Welcome to SoundBiteBlog.com. This website focuses mainly on providing Real Estate, Mortgage, and Local Area information for consumers and residents in Western Puget Sound, we also share our passions, expertise, and practical insights on Internet marketing and technology, including social media/networking, SEO, website design, and custom web applications. SoundBiteBlog is an award-winning joint venture between Mark Flanders of Pastik Design and Rich Jacobson of Keller William West Sound.

Within the pages of SoundBite is an eclectic collection of articles covering a wide variety of topics we hope you'll find interesting, engaging, and helpful. Rich is committed to relentlessly representing his client's best interests and empowering them to make informed decisions. Mark finally decided what he wanted to do when he grew up and gets excited when the code he's written solves a customer's problem with blinding efficiency!

Good Faith Estimates and Ginsu Knives…”But wait there’s more!”

September 3rd, 2007 by Mark Flanders

If you have never purchased a home, you may never have seen a Good Faith Estimate (GFE).

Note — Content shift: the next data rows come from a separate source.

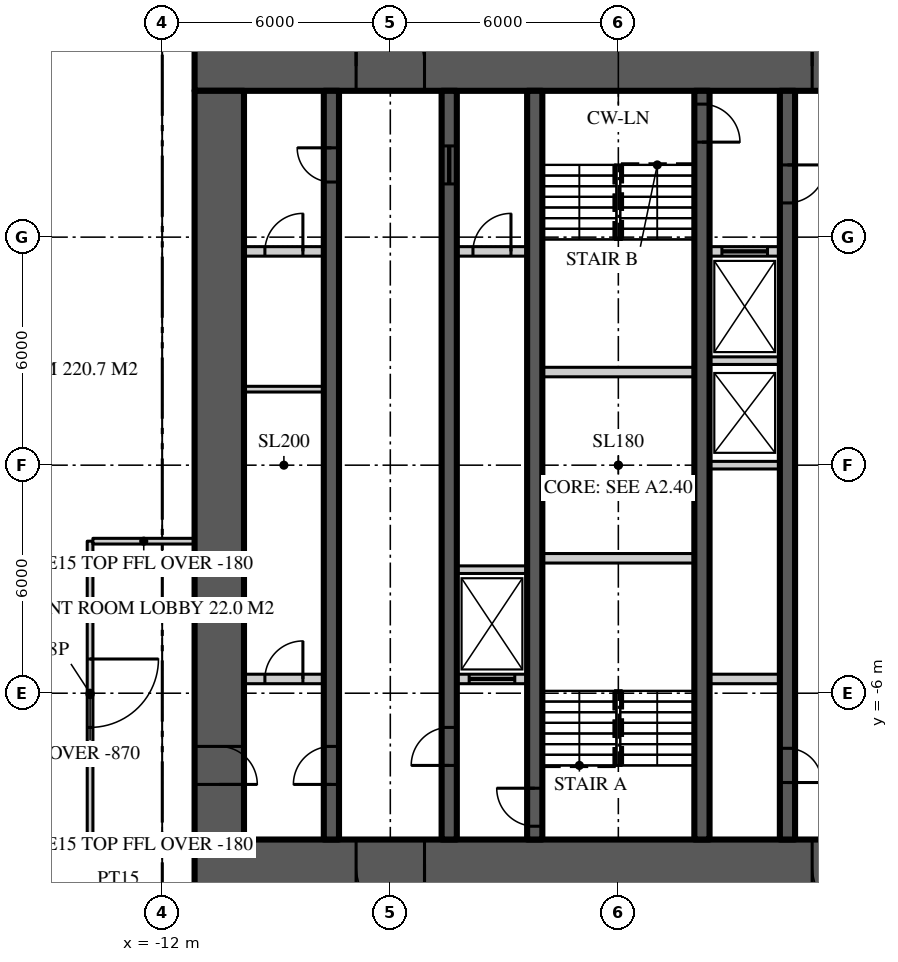
"""IFC4 building model, lengths in metres.
Left out: names, types, materials, properties, quantities, classifications, styles, units other than length and angle.
Written with IfcOpenShell. Run it as: python <this file> out.ifc"""

import sys

from ifc_helpers import new_model, si_unit, direction, frame, frame_2d, origin, place, context, subcontext, project, spatial, rectangle, extrude, element, fill, save


model = new_model("IFC4")
c1 = context("Model", 3, precision=1e-05, world=origin(), true_north=direction((0.0, 1.0)))
c2 = subcontext(c1, "Body", "Model", "MODEL_VIEW")
j1 = project(units=[si_unit("LENGTHUNIT", "METRE"), si_unit("PLANEANGLEUNIT", "RADIAN")], contexts=[c1])
p1 = place(None, origin())
s1 = spatial("IfcSite", under=j1, at=p1, CompositionType="ELEMENT")
p2 = place(p1, origin())
s2 = spatial("IfcBuilding", under=s1, at=p2, CompositionType="ELEMENT")
p3 = place(p2, frame((0.0, 0.0, 306.3)))
s3 = spatial("IfcBuildingStorey", under=s2, at=p3, CompositionType="ELEMENT", Elevation=306.3)
p4 = place(p3, frame((-11.15, 10.5, 0.0), z_axis=(0.0, 0.0, 1.0), x_axis=(1.0, 0.0, 0.0)))
e1 = element("IfcWall", 1, at=p4, inside=s3, PredefinedType="SHEAR", context=c2, shape_type="SweptSolid", body=[
    extrude(rectangle(XDim=22.3, YDim=1.3, at=frame_2d((11.15, 0.0))), origin(), (0.0, 0.0, 1.0), 5.0),
])
p5 = place(p4, frame((4.25, 0.0, 0.0)))
e2 = element("IfcOpeningElement", 2, at=p5, cuts=e1, PredefinedType="OPENING", context=c2, shape_type="SweptSolid", body=[
    extrude(rectangle(XDim=1.8, YDim=2.2, at=frame_2d((0.9, 1.1))), frame((0.0, 0.66, 0.0), z_axis=(0.0, -1.0, 0.0), x_axis=(1.0, 0.0, 0.0)), (0.0, 0.0, 1.0), 1.32),
])
p6 = place(p4, frame((16.25, 0.0, 0.0)))
e3 = element("IfcOpeningElement", 3, at=p6, cuts=e1, PredefinedType="OPENING", context=c2, shape_type="SweptSolid", body=[
    extrude(rectangle(XDim=1.8, YDim=2.2, at=frame_2d((0.9, 1.1))), frame((0.0, 0.66, 0.0), z_axis=(0.0, -1.0, 0.0), x_axis=(1.0, 0.0, 0.0)), (0.0, 0.0, 1.0), 1.32),
])
p7 = place(p3, frame((11.15, -10.5, 0.0), z_axis=(0.0, 0.0, 1.0), x_axis=(-1.0, 0.0, 0.0)))
e4 = element("IfcWall", 4, at=p7, inside=s3, PredefinedType="SHEAR", context=c2, shape_type="SweptSolid", body=[
    extrude(rectangle(XDim=22.3, YDim=1.3, at=frame_2d((11.15, 0.0))), origin(), (0.0, 0.0, 1.0), 5.0),
])
p8 = place(p7, frame((16.25, 0.0, 0.0)))
e5 = element("IfcOpeningElement", 5, at=p8, cuts=e4, PredefinedType="OPENING", context=c2, shape_type="SweptSolid", body=[
    extrude(rectangle(XDim=1.8, YDim=2.2, at=frame_2d((0.9, 1.1))), frame((0.0, 0.66, 0.0), z_axis=(0.0, -1.0, 0.0), x_axis=(1.0, 0.0, 0.0)), (0.0, 0.0, 1.0), 1.32),
])
p9 = place(p7, frame((4.25, 0.0, 0.0)))
e6 = element("IfcOpeningElement", 6, at=p9, cuts=e4, PredefinedType="OPENING", context=c2, shape_type="SweptSolid", body=[
    extrude(rectangle(XDim=1.8, YDim=2.2, at=frame_2d((0.9, 1.1))), frame((0.0, 0.66, 0.0), z_axis=(0.0, -1.0, 0.0), x_axis=(1.0, 0.0, 0.0)), (0.0, 0.0, 1.0), 1.32),
])
p10 = place(p3, frame((-10.5, 9.85, 0.0), z_axis=(0.0, 0.0, 1.0), x_axis=(0.0, -1.0, 0.0)))
e7 = element("IfcWall", 7, at=p10, inside=s3, PredefinedType="SHEAR", context=c2, shape_type="SweptSolid", body=[
    extrude(rectangle(XDim=19.7, YDim=1.3, at=frame_2d((9.85, 0.0))), origin(), (0.0, 0.0, 1.0), 5.0),
])
p11 = place(p10, frame((17.25, 0.0, 0.0)))
e8 = element("IfcOpeningElement", 8, at=p11, cuts=e7, PredefinedType="OPENING", context=c2, shape_type="SweptSolid", body=[
    extrude(rectangle(XDim=1.0, YDim=2.2, at=frame_2d((0.5, 1.1))), frame((0.0, 0.66, 0.0), z_axis=(0.0, -1.0, 0.0), x_axis=(1.0, 0.0, 0.0)), (0.0, 0.0, 1.0), 1.32),
])
p12 = place(p3, frame((-7.55, -9.85, 0.0), z_axis=(0.0, 0.0, 1.0), x_axis=(0.0, 1.0, 0.0)))
e9 = element("IfcWall", 9, at=p12, inside=s3, PredefinedType="SHEAR", context=c2, shape_type="SweptSolid", body=[
    extrude(rectangle(XDim=19.7, YDim=0.4, at=frame_2d((9.85, 0.0))), origin(), (0.0, 0.0, 1.0), 5.0),
])
p13 = place(p12, frame((1.45, 0.0, 0.0)))
e10 = element("IfcOpeningElement", 10, at=p13, cuts=e9, PredefinedType="OPENING", context=c2, shape_type="SweptSolid", body=[
    extrude(rectangle(XDim=1.0, YDim=2.2, at=frame_2d((0.5, 1.1))), frame((0.0, 0.21, 0.0), z_axis=(0.0, -1.0, 0.0), x_axis=(1.0, 0.0, 0.0)), (0.0, 0.0, 1.0), 0.42),
])
p14 = place(p12, frame((17.3, 0.0, 0.0)))
e11 = element("IfcOpeningElement", 11, at=p14, cuts=e9, PredefinedType="OPENING", context=c2, shape_type="SweptSolid", body=[
    extrude(rectangle(XDim=0.9, YDim=2.1, at=frame_2d((0.45, 1.05))), frame((0.0, 0.21, 0.0), z_axis=(0.0, -1.0, 0.0), x_axis=(1.0, 0.0, 0.0)), (0.0, 0.0, 1.0), 0.42),
])
p15 = place(p3, frame((-4.45, -9.85, 0.0), z_axis=(0.0, 0.0, 1.0), x_axis=(0.0, 1.0, 0.0)))
e12 = element("IfcWall", 12, at=p15, inside=s3, PredefinedType="SHEAR", context=c2, shape_type="SweptSolid", body=[
    extrude(rectangle(XDim=19.7, YDim=0.4, at=frame_2d((9.85, 0.0))), origin(), (0.0, 0.0, 1.0), 5.0),
])
p16 = place(p15, frame((1.95, 0.0, 0.0)))
e13 = element("IfcOpeningElement", 13, at=p16, cuts=e12, PredefinedType="OPENING", context=c2, shape_type="SweptSolid", body=[
    extrude(rectangle(XDim=1.0, YDim=2.2, at=frame_2d((0.5, 1.1))), frame((0.0, 0.21, 0.0), z_axis=(0.0, -1.0, 0.0), x_axis=(1.0, 0.0, 0.0)), (0.0, 0.0, 1.0), 0.42),
])
p17 = place(p15, frame((17.25, 0.0, 0.0)))
e14 = element("IfcOpeningElement", 14, at=p17, cuts=e12, PredefinedType="OPENING", context=c2, shape_type="SweptSolid", body=[
    extrude(rectangle(XDim=1.0, YDim=2.1, at=frame_2d((0.5, 1.05))), frame((0.0, 0.21, 0.0), z_axis=(0.0, -1.0, 0.0), x_axis=(1.0, 0.0, 0.0)), (0.0, 0.0, 1.0), 0.42),
])
p18 = place(p3, frame((4.45, 9.85, 0.0), z_axis=(0.0, 0.0, 1.0), x_axis=(0.0, -1.0, 0.0)))
e15 = element("IfcWall", 15, at=p18, inside=s3, PredefinedType="SHEAR", context=c2, shape_type="SweptSolid", body=[
    extrude(rectangle(XDim=19.7, YDim=0.4, at=frame_2d((9.85, 0.0))), origin(), (0.0, 0.0, 1.0), 5.0),
])
p19 = place(p18, frame((1.95, 0.0, 0.0)))
e16 = element("IfcOpeningElement", 16, at=p19, cuts=e15, PredefinedType="OPENING", context=c2, shape_type="SweptSolid", body=[
    extrude(rectangle(XDim=1.0, YDim=2.2, at=frame_2d((0.5, 1.1))), frame((0.0, 0.21, 0.0), z_axis=(0.0, -1.0, 0.0), x_axis=(1.0, 0.0, 0.0)), (0.0, 0.0, 1.0), 0.42),
])
p20 = place(p18, frame((17.3, 0.0, 0.0)))
e17 = element("IfcOpeningElement", 17, at=p20, cuts=e15, PredefinedType="OPENING", context=c2, shape_type="SweptSolid", body=[
    extrude(rectangle(XDim=0.9, YDim=2.1, at=frame_2d((0.45, 1.05))), frame((0.0, 0.21, 0.0), z_axis=(0.0, -1.0, 0.0), x_axis=(1.0, 0.0, 0.0)), (0.0, 0.0, 1.0), 0.42),
])
p21 = place(p3, frame((-2.2, -9.85, 0.0), z_axis=(0.0, 0.0, 1.0), x_axis=(0.0, 1.0, 0.0)))
e18 = element("IfcWall", 18, at=p21, inside=s3, PredefinedType="SHEAR", context=c2, shape_type="SweptSolid", body=[
    extrude(rectangle(XDim=19.7, YDim=0.4, at=frame_2d((9.85, 0.0))), origin(), (0.0, 0.0, 1.0), 5.0),
])
p22 = place(p21, frame((0.35, 0.0, 0.0)))
e19 = element("IfcOpeningElement", 19, at=p22, cuts=e18, PredefinedType="OPENING", context=c2, shape_type="SweptSolid", body=[
    extrude(rectangle(XDim=1.0, YDim=2.2, at=frame_2d((0.5, 1.1))), frame((0.0, 0.21, 0.0), z_axis=(0.0, -1.0, 0.0), x_axis=(1.0, 0.0, 0.0)), (0.0, 0.0, 1.0), 0.42),
])
p23 = place(p3, frame((2.2, 9.85, 0.0), z_axis=(0.0, 0.0, 1.0), x_axis=(0.0, -1.0, 0.0)))
e20 = element("IfcWall", 20, at=p23, inside=s3, PredefinedType="SHEAR", context=c2, shape_type="SweptSolid", body=[
    extrude(rectangle(XDim=19.7, YDim=0.4, at=frame_2d((9.85, 0.0))), origin(), (0.0, 0.0, 1.0), 5.0),
])
p24 = place(p23, frame((0.35, 0.0, 0.0)))
e21 = element("IfcOpeningElement", 21, at=p24, cuts=e20, PredefinedType="OPENING", context=c2, shape_type="SweptSolid", body=[
    extrude(rectangle(XDim=1.0, YDim=2.2, at=frame_2d((0.5, 1.1))), frame((0.0, 0.21, 0.0), z_axis=(0.0, -1.0, 0.0), x_axis=(1.0, 0.0, 0.0)), (0.0, 0.0, 1.0), 0.42),
])
p25 = place(p3, frame((-9.85, 5.625, 0.0), z_axis=(0.0, 0.0, 1.0), x_axis=(1.0, 0.0, 0.0)))
e22 = element("IfcWall", 22, at=p25, inside=s3, PredefinedType="SOLIDWALL", context=c2, shape_type="SweptSolid", body=[
    extrude(rectangle(XDim=2.1, YDim=0.25, at=frame_2d((1.05, 0.0))), origin(), (0.0, 0.0, 1.0), 4.8),
])
p26 = place(p25, frame((0.55, 0.0, 0.0)))
e23 = element("IfcOpeningElement", 23, at=p26, cuts=e22, PredefinedType="OPENING", context=c2, shape_type="SweptSolid", body=[
    extrude(rectangle(XDim=1.0, YDim=2.2, at=frame_2d((0.5, 1.1))), frame((0.0, 0.135, 0.0), z_axis=(0.0, -1.0, 0.0), x_axis=(1.0, 0.0, 0.0)), (0.0, 0.0, 1.0), 0.27),
])
p27 = place(p3, frame((-4.25, 5.625, 0.0), z_axis=(0.0, 0.0, 1.0), x_axis=(1.0, 0.0, 0.0)))
e24 = element("IfcWall", 24, at=p27, inside=s3, PredefinedType="SOLIDWALL", context=c2, shape_type="SweptSolid", body=[
    extrude(rectangle(XDim=1.85, YDim=0.25, at=frame_2d((0.925, 0.0))), origin(), (0.0, 0.0, 1.0), 4.8),
])
p28 = place(p27, frame((0.425, 0.0, 0.0)))
e25 = element("IfcOpeningElement", 25, at=p28, cuts=e24, PredefinedType="OPENING", context=c2, shape_type="SweptSolid", body=[
    extrude(rectangle(XDim=1.0, YDim=2.2, at=frame_2d((0.5, 1.1))), frame((0.0, 0.135, 0.0), z_axis=(0.0, -1.0, 0.0), x_axis=(1.0, 0.0, 0.0)), (0.0, 0.0, 1.0), 0.27),
])
p29 = place(p3, frame((2.4, 5.625, 0.0), z_axis=(0.0, 0.0, 1.0), x_axis=(1.0, 0.0, 0.0)))
e26 = element("IfcWall", 26, at=p29, inside=s3, PredefinedType="SOLIDWALL", context=c2, shape_type="SweptSolid", body=[
    extrude(rectangle(XDim=1.85, YDim=0.25, at=frame_2d((0.925, 0.0))), origin(), (0.0, 0.0, 1.0), 4.8),
])
p30 = place(p29, frame((0.325, 0.0, 0.0)))
e27 = element("IfcOpeningElement", 27, at=p30, cuts=e26, PredefinedType="OPENING", context=c2, shape_type="SweptSolid", body=[
    extrude(rectangle(XDim=1.2, YDim=2.2, at=frame_2d((0.6, 1.1))), frame((0.0, 0.135, 0.0), z_axis=(0.0, -1.0, 0.0), x_axis=(1.0, 0.0, 0.0)), (0.0, 0.0, 1.0), 0.27),
])
p31 = place(p3, frame((-9.85, -5.625, 0.0), z_axis=(0.0, 0.0, 1.0), x_axis=(1.0, 0.0, 0.0)))
e28 = element("IfcWall", 28, at=p31, inside=s3, PredefinedType="SOLIDWALL", context=c2, shape_type="SweptSolid", body=[
    extrude(rectangle(XDim=2.1, YDim=0.25, at=frame_2d((1.05, 0.0))), origin(), (0.0, 0.0, 1.0), 4.8),
])
p32 = place(p31, frame((0.55, 0.0, 0.0)))
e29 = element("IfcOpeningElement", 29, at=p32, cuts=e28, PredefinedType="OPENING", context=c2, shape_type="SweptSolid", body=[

If you have purchased a home, you may not have really looked at it! Many home buyers do no more than glance at their Good Faith Estimate as they sign it planning to take a second look later, and never get around to it.

A Good Faith Estimate is your friend; spend a little time with it.

The process of closing on your new home is exciting but it is also a very busy time. It can be a bit overwhelming to face the stack of documents you find in the Escrow (aka Closing) Office. The Escrow Officer will want to move as quickly as possible and let’s face it, many real estate buyers want to just sign what they need to, trust that everything is as it should be, and drive straight to the new home to pick out paint colors, new plants or attractive furniture! It’s a heck of alot more fun than dealing with paperwork.

SalesmanYou may ask why is there an estimate at closing anyway? Haven’t the lenders and the loan officer gotten exact figures by then? The answer is simply that it is common practice in Washington and other states for the Lender to include a Good Faith Estimate in the packet of Closing Documents. The document you need to rely on as “Final” at closing is called the HUD Settlement Statement. But, I’m getting ahead of the game, lets get back to what to look for on a GFE and how to compare them if you are shopping for a loan.

Closing Costs confuse even experienced borrowers (and some loan officers!). One of the biggest areas of confusion has to do with Pre-paid Items. In general, think of pre-paid items as uncontrollable (kind of like sales tax, you cannot negotiate it) and true Closing Costs as something to watch carefully. Many of the fees (that are not pre-paid items), will vary from lender to lender and can be negotiated (or manipulated by the unscrupulous).

Some of the fees are fixed, such as the Appraisal Fee. The Lender does not establish the appraisal fee, nor does the Loan Officer. It is controlled by the Appraiser. It cannot be “marked up” to increase profitability. Remember one important thing though; a Good Faith Estimate is designed to clarify the financial picture, not cloud it. If you don’t quite understand yours, stop and get your questions answered!

The HUD website has a thorough description of the items you can expect to find on any HUD Settlement Statement. Your loan officer should also be able to provide you with a hard copy of the same publication. This pamphlet is organized by line number. It is a simple matter to compare any Good Faith Estimate by line number with the descriptions found in the HUD booklet. The line numbers on a Good Faith Estimate and on a HUD Settlement Statement are meant to correspond to each other. Keep this pamphlet with you while you compare various Good Faith Estimates. Refer to it as often as you need to. It is your roadmap.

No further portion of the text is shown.